Poucas pessoas terão notado que o actual Papa, cerca de vinte dias antes de ser eleito, se havia deslocado ao Mosteiro Beneditino de Subiaco, para proferir uma conferência sobre a “Europa na crise das culturas”. Recebeu, nessa altura e nesse local, o prémio “S.Bento pela promoção da vida da família na Europa”. Poucas pessoas se terão apercebido, na hora do Habemus Papam, a razão íntima por que Ratzinger escolheu o nome de Bento XVI. Não foi uma inspiração circunstancial. Há muito que S. Bento e a Europa têm uma grande proximidade na percepção histórica e na sensibilidade do actual Papa.
O chumbo do Tratado Europeu, em França, não sendo uma catástrofe para a União Europeia, constitui um bom momento para relançar algumas questões sobre o nosso Continente, que alguma sofreguidão política e económica terá levado a diversos “saneamentos” históricos. O laicismo mórbido que se concretizou na negação da matriz cristã europeia, mina, sem o notar, a cultura da liberdade e da democracia, ao abjurar as suas raízes ou considerando-as, por mero oportunismo, apodrecidas. E, por essa via, definindo quem deve ou não pertencer à Europa.

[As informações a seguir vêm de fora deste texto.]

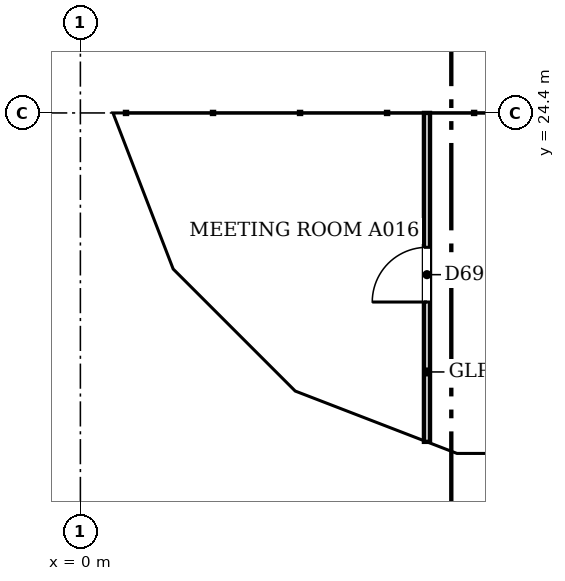
"""IFC4 building model, lengths in metres.
Left out: names, types, materials, properties, quantities, classifications, styles, units other than length and angle.
Written with IfcOpenShell. Run it as: python <this file> out.ifc"""

import sys

from ifc_helpers import new_model, si_unit, direction, frame, frame_2d, origin, place, context, subcontext, project, spatial, polyline, rectangle, outline, extrude, faceted_brep, source, transform, mapped, element, fill, save


model = new_model("IFC4")
c1 = context("Model", 3, precision=1e-05, world=origin(), true_north=direction((0.0, 1.0)))
c2 = subcontext(c1, "Body", "Model", "MODEL_VIEW")
j1 = project(units=[si_unit("LENGTHUNIT", "METRE"), si_unit("PLANEANGLEUNIT", "RADIAN")], contexts=[c1])
p1 = place(None, origin())
s1 = spatial("IfcSite", under=j1, at=p1, CompositionType="ELEMENT")
p2 = place(p1, origin())
s2 = spatial("IfcBuilding", under=s1, at=p2, CompositionType="ELEMENT")
p3 = place(p2, frame((0.0, 0.0, 189.6)))
s3 = spatial("IfcBuildingStorey", under=s2, at=p3, CompositionType="ELEMENT", Elevation=189.6)
m1 = source(origin(), c2, "Body", "Brep", [
    faceted_brep([(3.003, -0.25, 0.0), (3.05, -0.25, 0.06), (3.05, -0.25, 7.54), (3.003, -0.25, 7.6), (0.0, -0.25, 3.8), (0.0, 0.25, 3.8), (2.957, 0.25, 7.541), (2.957, 0.25, 0.059), (3.003, 0.0, 0.0), (3.003, 0.0, 7.6)], [[[0, 1, 2, 3, 4]], [[5, 6, 7]], [[1, 0, 8]], [[9, 3, 2]], [[6, 5, 4, 3, 9]], [[5, 7, 8, 0, 4]], [[1, 8, 7, 6, 9, 2]]]),
])
p4 = place(p3, frame((0.25, 27.45, -3.8), z_axis=(0.0, 0.0, 1.0), x_axis=(0.0, -1.0, 0.0)))
e1 = element("IfcWall", 1, at=p4, inside=s3, PredefinedType="SOLIDWALL", context=c2, shape_type="MappedRepresentation", body=[
    mapped(m1, transform((0.0, 0.0, 0.0), scale=1.0)),
])
m2 = source(origin(), c2, "Body", "SweptSolid", [
    extrude(outline(polyline([(2.803, 6.944), (0.319, 3.8), (2.803, 0.656), (2.803, 6.944)])), frame((0.0, 0.26, 0.0), z_axis=(0.0, -1.0, 0.0), x_axis=(1.0, 0.0, 0.0)), (0.0, 0.0, 1.0), 0.52),
])
p5 = place(p4, origin())
e2 = element("IfcOpeningElement", 2, at=p5, cuts=e1, PredefinedType="OPENING", context=c2, shape_type="MappedRepresentation", body=[
    mapped(m2, transform((0.0, 0.0, 0.0), scale=1.0)),
])
m3 = source(origin(), c2, "Body", "Brep", [
    faceted_brep([(0.047, -0.25, 0.0), (2.997, -0.25, 3.8), (0.047, -0.25, 7.6), (0.0, -0.25, 7.541), (0.0, -0.25, 0.059), (0.093, 0.25, 7.54), (2.944, 0.25, 3.868), (2.944, 0.25, 3.732), (0.093, 0.25, 0.06), (2.997, 0.0, 3.8), (0.047, 0.0, 0.0), (0.047, 0.0, 7.6)], [[[0, 1, 2, 3, 4]], [[5, 6, 7, 8]], [[8, 7, 9, 1, 0, 10]], [[6, 5, 11, 2, 1, 9]], [[3, 2, 11]], [[10, 0, 4]], [[8, 10, 4, 3, 11, 5]], [[7, 6, 9]]]),
])
p6 = place(p3, frame((0.233, 24.49, -3.8), z_axis=(0.0, 0.0, 1.0), x_axis=(0.359901446078, -0.932990326376, 0.0)))
e3 = element("IfcWall", 3, at=p6, inside=s3, PredefinedType="SOLIDWALL", context=c2, shape_type="MappedRepresentation", body=[
    mapped(m3, transform((0.0, 0.0, 0.0), scale=1.0)),
])
m4 = source(origin(), c2, "Body", "SweptSolid", [
    extrude(outline(polyline([(0.247, 0.665), (2.681, 3.8), (0.247, 6.935), (0.247, 0.665)])), frame((0.0, 0.26, 0.0), z_axis=(0.0, -1.0, 0.0), x_axis=(1.0, 0.0, 0.0)), (0.0, 0.0, 1.0), 0.52),
])
p7 = place(p6, origin())
e4 = element("IfcOpeningElement", 4, at=p7, cuts=e3, PredefinedType="OPENING", context=c2, shape_type="MappedRepresentation", body=[
    mapped(m4, transform((0.0, 0.0, 0.0), scale=1.0)),
])
m5 = source(origin(), c2, "Body", "Brep", [
    faceted_brep([(2.944, -0.25, 0.0), (2.997, -0.25, 0.068), (2.997, -0.25, 7.532), (2.944, -0.25, 7.6), (0.0, -0.25, 3.8), (0.053, 0.25, 3.868), (2.891, 0.25, 7.532), (2.891, 0.25, 0.068), (0.053, 0.25, 3.732), (2.944, 0.0, 0.0), (2.944, 0.0, 7.6), (0.0, 0.0, 3.8)], [[[0, 1, 2, 3, 4]], [[5, 6, 7, 8]], [[1, 0, 9]], [[10, 3, 2]], [[6, 5, 11, 4, 3, 10]], [[8, 7, 9, 0, 4, 11]], [[8, 11, 5]], [[1, 9, 7, 6, 10, 2]]]),
])
p8 = place(p3, frame((1.312, 21.694, -3.8), z_axis=(0.0, 0.0, 1.0), x_axis=(0.707066050402, -0.707147509625, 0.0)))
e5 = element("IfcWall", 5, at=p8, inside=s3, PredefinedType="SOLIDWALL", context=c2, shape_type="MappedRepresentation", body=[
    mapped(m5, transform((0.0, 0.0, 0.0), scale=1.0)),
])
m6 = source(origin(), c2, "Body", "SweptSolid", [
    extrude(outline(polyline([(2.744, 6.934), (0.316, 3.8), (2.744, 0.666), (2.744, 6.934)])), frame((0.0, 0.26, 0.0), z_axis=(0.0, -1.0, 0.0), x_axis=(1.0, 0.0, 0.0)), (0.0, 0.0, 1.0), 0.52),
])
p9 = place(p8, origin())
e6 = element("IfcOpeningElement", 6, at=p9, cuts=e5, PredefinedType="OPENING", context=c2, shape_type="MappedRepresentation", body=[
    mapped(m6, transform((0.0, 0.0, 0.0), scale=1.0)),
])
m7 = source(origin(), c2, "Body", "Brep", [
    faceted_brep([(0.053, -0.25, 0.0), (3.003, -0.25, 3.8), (0.053, -0.25, 7.6), (0.0, -0.25, 7.531), (0.0, -0.25, 0.068), (0.106, 0.25, 7.532), (2.957, 0.25, 3.86), (2.957, 0.25, 3.74), (0.106, 0.25, 0.068), (3.003, 0.0, 3.8), (0.053, 0.0, 0.0), (0.053, 0.0, 7.6)], [[[0, 1, 2, 3, 4]], [[5, 6, 7, 8]], [[8, 7, 9, 1, 0, 10]], [[6, 5, 11, 2, 1, 9]], [[3, 2, 11]], [[10, 0, 4]], [[8, 10, 4, 3, 11, 5]], [[7, 6, 9]]]),
])
p10 = place(p3, frame((3.344, 19.631, -3.8), z_axis=(0.0, 0.0, 1.0), x_axis=(0.933007896601, -0.359855894603, 0.0)))
e7 = element("IfcWall", 7, at=p10, inside=s3, PredefinedType="SOLIDWALL", context=c2, shape_type="MappedRepresentation", body=[
    mapped(m7, transform((0.0, 0.0, 0.0), scale=1.0)),
])
m8 = source(origin(), c2, "Body", "SweptSolid", [
    extrude(outline(polyline([(0.253, 0.665), (2.687, 3.8), (0.253, 6.935), (0.253, 0.665)])), frame((0.0, 0.26, 0.0), z_axis=(0.0, -1.0, 0.0), x_axis=(1.0, 0.0, 0.0)), (0.0, 0.0, 1.0), 0.52),
])
p11 = place(p10, origin())
e8 = element("IfcOpeningElement", 8, at=p11, cuts=e7, PredefinedType="OPENING", context=c2, shape_type="MappedRepresentation", body=[
    mapped(m8, transform((0.0, 0.0, 0.0), scale=1.0)),
])
m9 = source(origin(), c2, "Body", "Brep", [
    faceted_brep([(3.003, -0.25, 0.0), (6.053, -0.25, 3.8), (3.003, -0.25, 7.6), (0.0, -0.25, 3.8), (0.047, 0.25, 3.859), (3.003, 0.25, 7.6), (6.053, 0.25, 3.8), (3.003, 0.25, 0.0), (0.047, 0.25, 3.741), (0.0, 0.0, 3.8)], [[[0, 1, 2, 3]], [[4, 5, 6, 7, 8]], [[7, 6, 1, 0]], [[6, 5, 2, 1]], [[5, 4, 9, 3, 2]], [[8, 7, 0, 3, 9]], [[8, 9, 4]]]),
])
p12 = place(p3, frame((6.146, 18.55, -3.8), z_axis=(0.0, 0.0, 1.0), x_axis=(1.0, 0.0, 0.0)))
e9 = element("IfcWall", 9, at=p12, inside=s3, PredefinedType="SOLIDWALL", context=c2, shape_type="MappedRepresentation", body=[
    mapped(m9, transform((0.0, 0.0, 0.0), scale=1.0)),
])
m10 = source(origin(), c2, "Body", "SweptSolid", [
    extrude(outline(polyline([(3.005, 0.401), (5.733, 3.8), (3.005, 7.199), (0.319, 3.8), (3.005, 0.401)])), frame((0.0, 0.26, 0.0), z_axis=(0.0, -1.0, 0.0), x_axis=(1.0, 0.0, 0.0)), (0.0, 0.0, 1.0), 0.52),
])
p13 = place(p12, origin())
e10 = element("IfcOpeningElement", 10, at=p13, cuts=e9, PredefinedType="OPENING", context=c2, shape_type="MappedRepresentation", body=[
    mapped(m10, transform((0.0, 0.0, 0.0), scale=1.0)),
])
m11 = source(origin(), c2, "Body", "Brep", [
    faceted_brep([(3.05, -0.25, 0.0), (6.053, -0.25, 3.8), (0.0, -0.25, 3.8), (0.0, 0.25, 3.8), (6.007, 0.25, 3.8), (6.007, 0.25, 3.741), (3.05, 0.25, 0.0), (6.053, 0.0, 3.8)], [[[0, 1, 2]], [[3, 4, 5, 6]], [[6, 5, 7, 1, 0]], [[4, 3, 2, 1, 7]], [[3, 6, 0, 2]], [[5, 4, 7]]]),
])
p14 = place(p3, frame((0.25, 30.5, 0.0), z_axis=(0.0, 0.0, 1.0), x_axis=(0.0, -1.0, 0.0)))
e11 = element("IfcWall", 11, at=p14, inside=s3, PredefinedType="SOLIDWALL", context=c2, shape_type="MappedRepresentation", body=[
    mapped(m11, transform((0.0, 0.0, 0.0), scale=1.0)),
])
m12 = source(origin(), c2, "Body", "SweptSolid", [
    extrude(outline(polyline([(3.049, 0.401), (5.537, 3.55), (0.521, 3.55), (3.049, 0.401)])), frame((0.0, 0.26, 0.0), z_axis=(0.0, -1.0, 0.0), x_axis=(1.0, 0.0, 0.0)), (0.0, 0.0, 1.0), 0.52),
])
p15 = place(p14, origin())
e12 = element("IfcOpeningElement", 12, at=p15, cuts=e11, PredefinedType="OPENING", context=c2, shape_type="MappedRepresentation", body=[
    mapped(m12, transform((0.0, 0.0, 0.0), scale=1.0)),
])
m13 = source(origin(), c2, "Body", "Brep", [
    faceted_brep([(2.95, -0.25, 0.0), (3.003, -0.25, 0.068), (3.003, -0.25, 3.8), (0.0, -0.25, 3.8), (0.047, 0.25, 3.8), (2.898, 0.25, 3.8), (2.898, 0.25, 0.068), (0.047, 0.25, 3.74), (2.95, 0.0, 0.0), (0.0, 0.0, 3.8)], [[[0, 1, 2, 3]], [[4, 5, 6, 7]], [[1, 0, 8]], [[5, 4, 9, 3, 2]], [[7, 6, 8, 0, 3, 9]], [[7, 9, 4]], [[1, 8, 6, 5, 2]]]),
])
p16 = place(p3, frame((0.25, 24.447, 0.0), z_axis=(0.0, 0.0, 1.0), x_axis=(0.35992665181, -0.932980602862, 0.0)))
e13 = element("IfcWall", 13, at=p16, inside=s3, PredefinedType="SOLIDWALL", context=c2, shape_type="MappedRepresentation", body=[
    mapped(m13, transform((0.0, 0.0, 0.0), scale=1.0)),
])
m14 = source(origin(), c2, "Body", "SweptSolid", [
    extrude(outline(polyline([(2.75, 3.55), (0.511, 3.55), (2.75, 0.665), (2.75, 3.55)])), frame((0.0, 0.26, 0.0), z_axis=(0.0, -1.0, 0.0), x_axis=(1.0, 0.0, 0.0)), (0.0, 0.0, 1.0), 0.52),
])
p17 = place(p16, origin())
e14 = element("IfcOpeningElement", 14, at=p17, cuts=e13, PredefinedType="OPENING", context=c2, shape_type="MappedRepresentation", body=[
    mapped(m14, transform((0.0, 0.0, 0.0), scale=1.0)),
])
m15 = source(origin(), c2, "Body", "Brep", [
    faceted_brep([(0.053, -0.25, 0.0), (2.997, -0.25, 3.8), (0.0, -0.25, 3.8), (0.0, -0.25, 0.068), (0.106, 0.25, 3.8), (2.944, 0.25, 3.8), (2.944, 0.25, 3.732), (0.106, 0.25, 0.068), (2.997, 0.0, 3.8), (0.053, 0.0, 0.0)], [[[0, 1, 2, 3]], [[4, 5, 6, 7]], [[7, 6, 8, 1, 0, 9]], [[5, 4, 2, 1, 8]], [[9, 0, 3]], [[7, 9, 3, 2, 4]], [[6, 5, 8]]]),
])
p18 = place(p3, frame((1.274, 21.731, 0.0), z_axis=(0.0, 0.0, 1.0), x_axis=(0.707147509625, -0.707066050402, 0.0)))
e15 = element("IfcWall", 15, at=p18, inside=s3, PredefinedType="SOLIDWALL", context=c2, shape_type="MappedRepresentation", body=[
    mapped(m15, transform((0.0, 0.0, 0.0), scale=1.0)),
])
m16 = source(origin(), c2, "Body", "SweptSolid", [
    extrude(outline(polyline([(0.253, 0.666), (2.487, 3.55), (0.253, 3.55), (0.253, 0.666)])), frame((0.0, 0.26, 0.0), z_axis=(0.0, -1.0, 0.0), x_axis=(1.0, 0.0, 0.0)), (0.0, 0.0, 1.0), 0.52),
])
p19 = place(p18, origin())
e16 = element("IfcOpeningElement", 16, at=p19, cuts=e15, PredefinedType="OPENING", context=c2, shape_type="MappedRepresentation", body=[
    mapped(m16, transform((0.0, 0.0, 0.0), scale=1.0)),
])
m17 = source(origin(), c2, "Body", "Brep", [
    faceted_brep([(2.95, -0.25, 0.0), (2.997, -0.25, 0.059), (2.997, -0.25, 3.8), (0.0, -0.25, 3.8), (0.053, 0.25, 3.8), (2.904, 0.25, 3.8), (2.904, 0.25, 0.06), (0.053, 0.25, 3.732), (2.95, 0.0, 0.0), (0.0, 0.0, 3.8)], [[[0, 1, 2, 3]], [[4, 5, 6, 7]], [[1, 0, 8]], [[5, 4, 9, 3, 2]], [[7, 6, 8, 0, 3, 9]], [[7, 9, 4]], [[1, 8, 6, 5, 2]]]),
])
p20 = place(p3, frame((3.394, 19.612, 0.0), z_axis=(0.0, 0.0, 1.0), x_axis=(0.932990326376, -0.359901446078, 0.0)))
e17 = element("IfcWall", 17, at=p20, inside=s3, PredefinedType="SOLIDWALL", context=c2, shape_type="MappedRepresentation", body=[
    mapped(m17, transform((0.0, 0.0, 0.0), scale=1.0)),
])
p21 = place(p20, origin())
e18 = element("IfcOpeningElement", 18, at=p21, cuts=e17, PredefinedType="OPENING", context=c2, shape_type="MappedRepresentation", body=[
    mapped(m14, transform((0.0, 0.0, 0.0), scale=1.0)),
])
m18 = source(origin(), c2, "Body", "Brep", [
    faceted_brep([(0.047, -0.25, 0.0), (3.05, -0.25, 3.8), (0.0, -0.25, 3.8), (0.0, -0.25, 0.06), (0.093, 0.25, 3.8), (3.05, 0.25, 3.8), (0.093, 0.25, 0.059), (0.047, 0.0, 0.0)], [[[0, 1, 2, 3]], [[4, 5, 6]], [[6, 5, 1, 0, 7]], [[5, 4, 2, 1]], [[7, 0, 3]], [[6, 7, 3, 2, 4]]]),
])
p22 = place(p3, frame((6.1, 18.55, 0.0), z_axis=(0.0, 0.0, 1.0), x_axis=(1.0, 0.0, 0.0)))
e19 = element("IfcWall", 19, at=p22, inside=s3, PredefinedType="SOLIDWALL", context=c2, shape_type="MappedRepresentation", body=[
    mapped(m18, transform((0.0, 0.0, 0.0), scale=1.0)),
])
m19 = source(origin(), c2, "Body", "SweptSolid", [
    extrude(outline(polyline([(0.247, 0.656), (2.534, 3.55), (0.247, 3.55), (0.247, 0.656)])), frame((0.0, 0.26, 0.0), z_axis=(0.0, -1.0, 0.0), x_axis=(1.0, 0.0, 0.0)), (0.0, 0.0, 1.0), 0.52),
])
p23 = place(p22, origin())
e20 = element("IfcOpeningElement", 20, at=p23, cuts=e19, PredefinedType="OPENING", context=c2, shape_type="MappedRepresentation", body=[
    mapped(m19, transform((0.0, 0.0, 0.0), scale=1.0)),
])
p24 = place(p3, frame((5.7, 18.99, 0.0), z_axis=(0.0, 0.0, 1.0), x_axis=(0.0, 1.0, 0.0)))
e21 = element("IfcWall", 21, at=p24, inside=s3, PredefinedType="PARTITIONING", context=c2, shape_type="SweptSolid", body=[
    extrude(rectangle(XDim=5.41, YDim=0.1, at=frame_2d((2.705, 0.0))), origin(), (0.0, 0.0, 1.0), 2.947),
])
m20 = source(origin(), c2, "Body", "SweptSolid", [
    extrude(rectangle(XDim=0.9, YDim=2.1, at=frame_2d((0.45, 1.05))), frame((0.0, 0.06, 0.0), z_axis=(0.0, -1.0, 0.0), x_axis=(1.0, 0.0, 0.0)), (0.0, 0.0, 1.0), 0.12),
])
p25 = place(p24, frame((2.3, 0.0, 0.0)))
e22 = element("IfcOpeningElement", 22, at=p25, cuts=e21, PredefinedType="OPENING", context=c2, shape_type="MappedRepresentation", body=[
    mapped(m20, transform((0.0, 0.0, 0.0), scale=1.0)),
])
m21 = source(origin(), c2, "Body", "SweptSolid", [
    extrude(rectangle(XDim=0.9, YDim=2.1, at=frame_2d((0.45, 1.05))), frame((0.0, 0.025, 0.0), z_axis=(0.0, -1.0, 0.0), x_axis=(1.0, 0.0, 0.0)), (0.0, 0.0, 1.0), 0.05),
])
p26 = place(p25, origin())
e23 = element("IfcDoor", 23, at=p26, inside=s3, OperationType="SINGLE_SWING_LEFT", PredefinedType="DOOR", context=c2, shape_type="MappedRepresentation", body=[
    mapped(m21, transform((0.0, 0.0, 0.0), scale=1.0)),
])
fill(e22, e23)
save(model, sys.argv[1])

“A Europa – disse Ratzinger em Subiaco - foi um continente cristão, mas também um ponto de partida para uma nova racionalidade científica... Foi na Europa que o cristianismo recebeu o seu impulso cultural e intelectual mais eficaz... mas foi, também, na Europa que se desenvolveu uma cultura que constitui a contradição mais radical não só do cristianismo mas também das tradições religiosas e morais da humanidade. Por isso a Europa está a atravessar uma autêntica prova de fogo... Daqui emerge a responsabilidade que nós, Europeus, temos de assumir neste momento histórico: no debate sobre a definição da Europa, não está em jogo uma batalha nostálgica de retaguarda da história, mas uma grande responsabilidade para a humanidade de hoje.”
Na crise da Europa não estará, visivelmente, o problema religioso. Mas quem risca do seu bilhete de identidade o nome de seus pais, parece não estar interessado em ser reconhecido como filho de boa gente.